# Flamed Cheese



## AriesGirl71 (Jul 15, 2006)

This recipe I got when I was a teen from our Pastor's daughter. She had made it for new years eve one year and I loved it and have had it since. It is yummy.. 

FLAMED CHEESE   
1 # hamburger
1 # very hot sausage
1/2 green pepper, chopped fine
1.2 onion, chopped fine
1 large can refried beans( DO NOT cook before u put in pan)
3 pgks of monterry jack with jalepeno peppers cheese,NOT SHREDDED. 
1 pkg taco seasoning

Brown hamburger, sausage, onion and peppers together in a pan.

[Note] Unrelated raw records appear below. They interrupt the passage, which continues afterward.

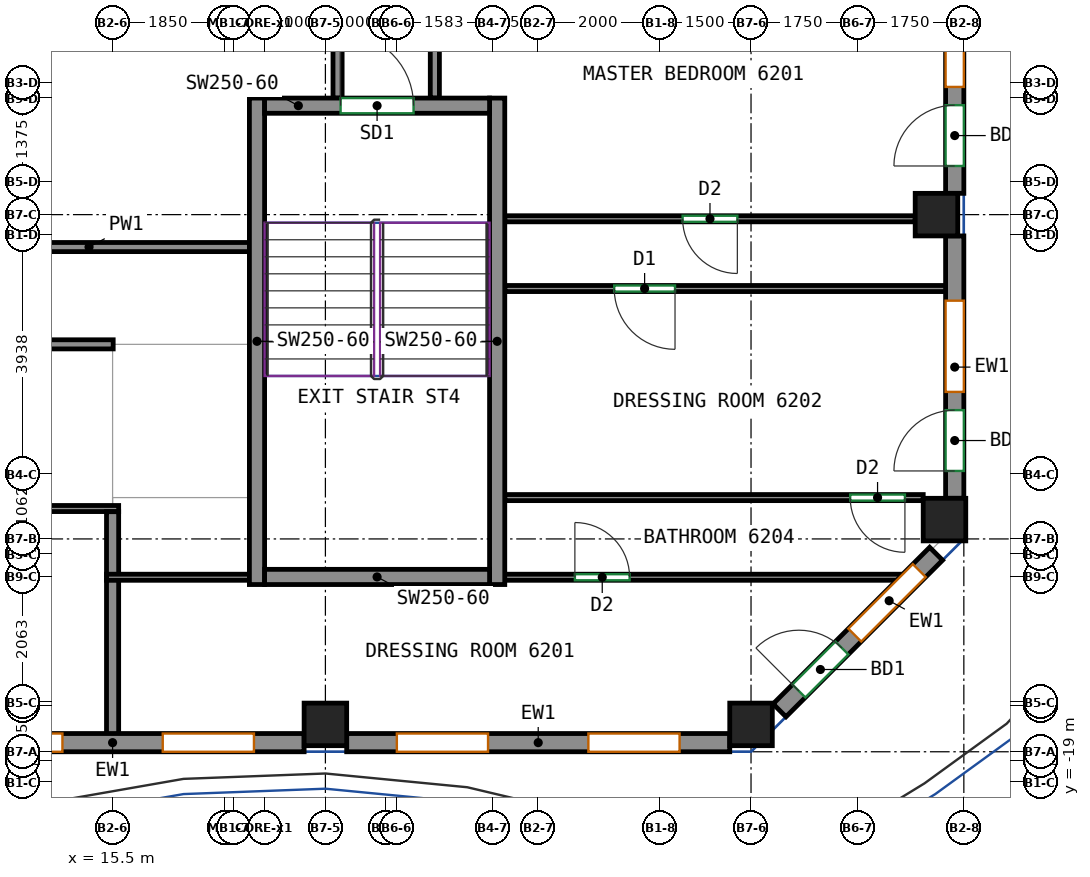
"""IFC4 building model, lengths in metres.
Left out: names, types, materials, properties, quantities, classifications, styles, units other than length and angle.
Written with IfcOpenShell. Run it as: python <this file> out.ifc"""

import sys

from ifc_helpers import new_model, si_unit, direction, frame, frame_2d, origin, origin_2d, place, context, subcontext, project, spatial, rectangle, extrude, source, transform, mapped, element, fill, save


model = new_model("IFC4")
c1 = context("Model", 3, precision=1e-05, world=origin(), true_north=direction((0.0, 1.0)))
c2 = subcontext(c1, "Body", "Model", "MODEL_VIEW")
j1 = project(units=[si_unit("LENGTHUNIT", "METRE"), si_unit("PLANEANGLEUNIT", "RADIAN")], contexts=[c1])
p1 = place(None, origin())
s1 = spatial("IfcSite", under=j1, at=p1, CompositionType="ELEMENT")
p2 = place(p1, origin())
s2 = spatial("IfcBuilding", under=s1, at=p2, CompositionType="ELEMENT")
p3 = place(p2, frame((0.0, 0.0, 256.0)))
s3 = spatial("IfcBuildingStorey", under=s2, at=p3, CompositionType="ELEMENT", Elevation=256.0)
m1 = source(origin(), c2, "Body", "SweptSolid", [
    extrude(rectangle(XDim=0.7, YDim=0.7, at=origin_2d()), origin(), (0.0, 0.0, 1.0), 3.12),
])
for number, where, z_axis, x_axis in (
    (1, (19.0, -18.05, 0.0), (0.0, 0.0, 1.0), (1.0, 0.0, 0.0)),
    (2, (26.0, -18.05, 0.0), (0.0, 0.0, 1.0), (1.0, 0.0, 0.0)),
    (3, (29.05, -9.667, 0.0), (0.0, 0.0, 1.0), (1.0, 0.0, 0.0)),
    (4, (29.182, -14.682, 0.0), (0.0, 0.0, 1.0), (1.0, 0.0, 0.0)),
):
    element("IfcColumn", number, at=place(p3, frame(where, z_axis=z_axis, x_axis=x_axis)), inside=s3, PredefinedType="COLUMN", context=c2, shape_type="MappedRepresentation", body=[
        mapped(m1, transform((0.0, 0.0, 0.0))),
    ])
m2 = source(origin(), c2, "Body", "SweptSolid", [
    extrude(rectangle(XDim=8.0, YDim=0.25, at=frame_2d((4.0, 0.0))), origin(), (0.0, 0.0, 1.0), 3.12),
])
for number, where, z_axis, x_axis in (
    (5, (17.875, -15.75, 0.0), (0.0, 0.0, 1.0), (0.0, 1.0, 0.0)),
    (6, (21.825, -15.75, 0.0), (0.0, 0.0, 1.0), (0.0, 1.0, 0.0)),
):
    element("IfcWall", number, at=place(p3, frame(where, z_axis=z_axis, x_axis=x_axis)), inside=s3, PredefinedType="SHEAR", context=c2, shape_type="MappedRepresentation", body=[
        mapped(m2, transform((0.0, 0.0, 0.0))),
    ])
m3 = source(origin(), c2, "Body", "SweptSolid", [
    extrude(rectangle(XDim=3.7, YDim=0.25, at=frame_2d((1.85, 0.0))), origin(), (0.0, 0.0, 1.0), 3.12),
])
p4 = place(p3, frame((18.0, -15.625, 0.0), z_axis=(0.0, 0.0, 1.0), x_axis=(1.0, 0.0, 0.0)))
e7 = element("IfcWall", 7, at=p4, inside=s3, PredefinedType="SHEAR", context=c2, shape_type="MappedRepresentation", body=[
    mapped(m3, transform((0.0, 0.0, 0.0))),
])
p5 = place(p3, frame((18.0, -7.875, 0.0), z_axis=(0.0, 0.0, 1.0), x_axis=(1.0, 0.0, 0.0)))
e8 = element("IfcWall", 8, at=p5, inside=s3, PredefinedType="SHEAR", context=c2, shape_type="MappedRepresentation", body=[
    mapped(m3, transform((0.0, 0.0, 0.0))),
])
p6 = place(p5, frame((1.25, 0.0, 0.0)))
e9 = element("IfcOpeningElement", 9, at=p6, cuts=e8, PredefinedType="OPENING", context=c2, shape_type="SweptSolid", body=[
    extrude(rectangle(XDim=1.2, YDim=2.1, at=frame_2d((0.6, 1.05))), frame((0.0, 0.135, 0.0), z_axis=(0.0, -1.0, 0.0), x_axis=(1.0, 0.0, 0.0)), (0.0, 0.0, 1.0), 0.27),
])
m4 = source(origin(), c2, "Body", "SweptSolid", [
    extrude(rectangle(XDim=6.3, YDim=0.3, at=frame_2d((3.15, 0.0))), origin(), (0.0, 0.0, 1.0), 3.12),
])
p7 = place(p3, frame((12.35, -18.35, 0.0), z_axis=(0.0, 0.0, 1.0), x_axis=(1.0, 0.0, 0.0)))
e10 = element("IfcWall", 10, at=p7, inside=s3, PredefinedType="SOLIDWALL", context=c2, shape_type="MappedRepresentation", body=[
    mapped(m4, transform((0.0, 0.0, 0.0))),
])
p8 = place(p7, frame((0.825, 0.0, 0.8)))
e11 = element("IfcOpeningElement", 11, at=p8, cuts=e10, PredefinedType="OPENING", context=c2, shape_type="SweptSolid", body=[
    extrude(rectangle(XDim=1.5, YDim=2.05, at=frame_2d((0.75, 1.025))), frame((0.0, 0.16, 0.0), z_axis=(0.0, -1.0, 0.0), x_axis=(1.0, 0.0, 0.0)), (0.0, 0.0, 1.0), 0.32),
])
p9 = place(p7, frame((3.975, 0.0, 0.8)))
e12 = element("IfcOpeningElement", 12, at=p9, cuts=e10, PredefinedType="OPENING", context=c2, shape_type="SweptSolid", body=[
    extrude(rectangle(XDim=1.5, YDim=2.05, at=frame_2d((0.75, 1.025))), frame((0.0, 0.16, 0.0), z_axis=(0.0, -1.0, 0.0), x_axis=(1.0, 0.0, 0.0)), (0.0, 0.0, 1.0), 0.32),
])
p10 = place(p3, frame((19.35, -18.35, 0.0), z_axis=(0.0, 0.0, 1.0), x_axis=(1.0, 0.0, 0.0)))
e13 = element("IfcWall", 13, at=p10, inside=s3, PredefinedType="SOLIDWALL", context=c2, shape_type="MappedRepresentation", body=[
    mapped(m4, transform((0.0, 0.0, 0.0))),
])
p11 = place(p10, frame((0.825, 0.0, 0.8)))
e14 = element("IfcOpeningElement", 14, at=p11, cuts=e13, PredefinedType="OPENING", context=c2, shape_type="SweptSolid", body=[
    extrude(rectangle(XDim=1.5, YDim=2.05, at=frame_2d((0.75, 1.025))), frame((0.0, 0.16, 0.0), z_axis=(0.0, -1.0, 0.0), x_axis=(1.0, 0.0, 0.0)), (0.0, 0.0, 1.0), 0.32),
])
p12 = place(p10, frame((3.975, 0.0, 0.8)))
e15 = element("IfcOpeningElement", 15, at=p12, cuts=e13, PredefinedType="OPENING", context=c2, shape_type="SweptSolid", body=[
    extrude(rectangle(XDim=1.5, YDim=2.05, at=frame_2d((0.75, 1.025))), frame((0.0, 0.16, 0.0), z_axis=(0.0, -1.0, 0.0), x_axis=(1.0, 0.0, 0.0)), (0.0, 0.0, 1.0), 0.32),
])
m5 = source(origin(), c2, "Body", "SweptSolid", [
    extrude(rectangle(XDim=3.642, YDim=0.3, at=frame_2d((1.821, 0.0))), origin(), (0.0, 0.0, 1.0), 3.12),
])
p13 = place(p3, frame((26.469, -17.819, 0.0), z_axis=(0.0, 0.0, 1.0), x_axis=(0.707106781187, 0.707106781187, 0.0)))
e16 = element("IfcWall", 16, at=p13, inside=s3, PredefinedType="SOLIDWALL", context=c2, shape_type="MappedRepresentation", body=[
    mapped(m5, transform((0.0, 0.0, 0.0))),
])
p14 = place(p13, frame((1.75, 0.0, 0.8)))
e17 = element("IfcOpeningElement", 17, at=p14, cuts=e16, PredefinedType="OPENING", context=c2, shape_type="SweptSolid", body=[
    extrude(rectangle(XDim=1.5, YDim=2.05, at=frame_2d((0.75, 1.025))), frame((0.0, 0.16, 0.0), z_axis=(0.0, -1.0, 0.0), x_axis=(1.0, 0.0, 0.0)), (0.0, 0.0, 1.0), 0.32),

Add taco seasoning. Spread beans on bottom of a 9x13 pan. Spread meat and veggies over the beans. Slice cheese into very thin slices and place on top of meat and veggies. Bake at 350 degrees for 30 minutes. Serve with tortilla chips and sour cream.


----------



## Half Baked (Jul 17, 2006)

This is right up Mr Half Baked's alley.  Thank you for the recipe.


----------



## jkath (Jul 17, 2006)

Oh Yum!
Thanks aries!!


----------



## JoAnn L. (Jul 17, 2006)

I will be trying this recipe for sure. Sounds like something my kids would love. Thanks.


----------



## AriesGirl71 (Jul 17, 2006)

You all are very welcome. Let me know when u try it and how u liked it. I love it!!!


----------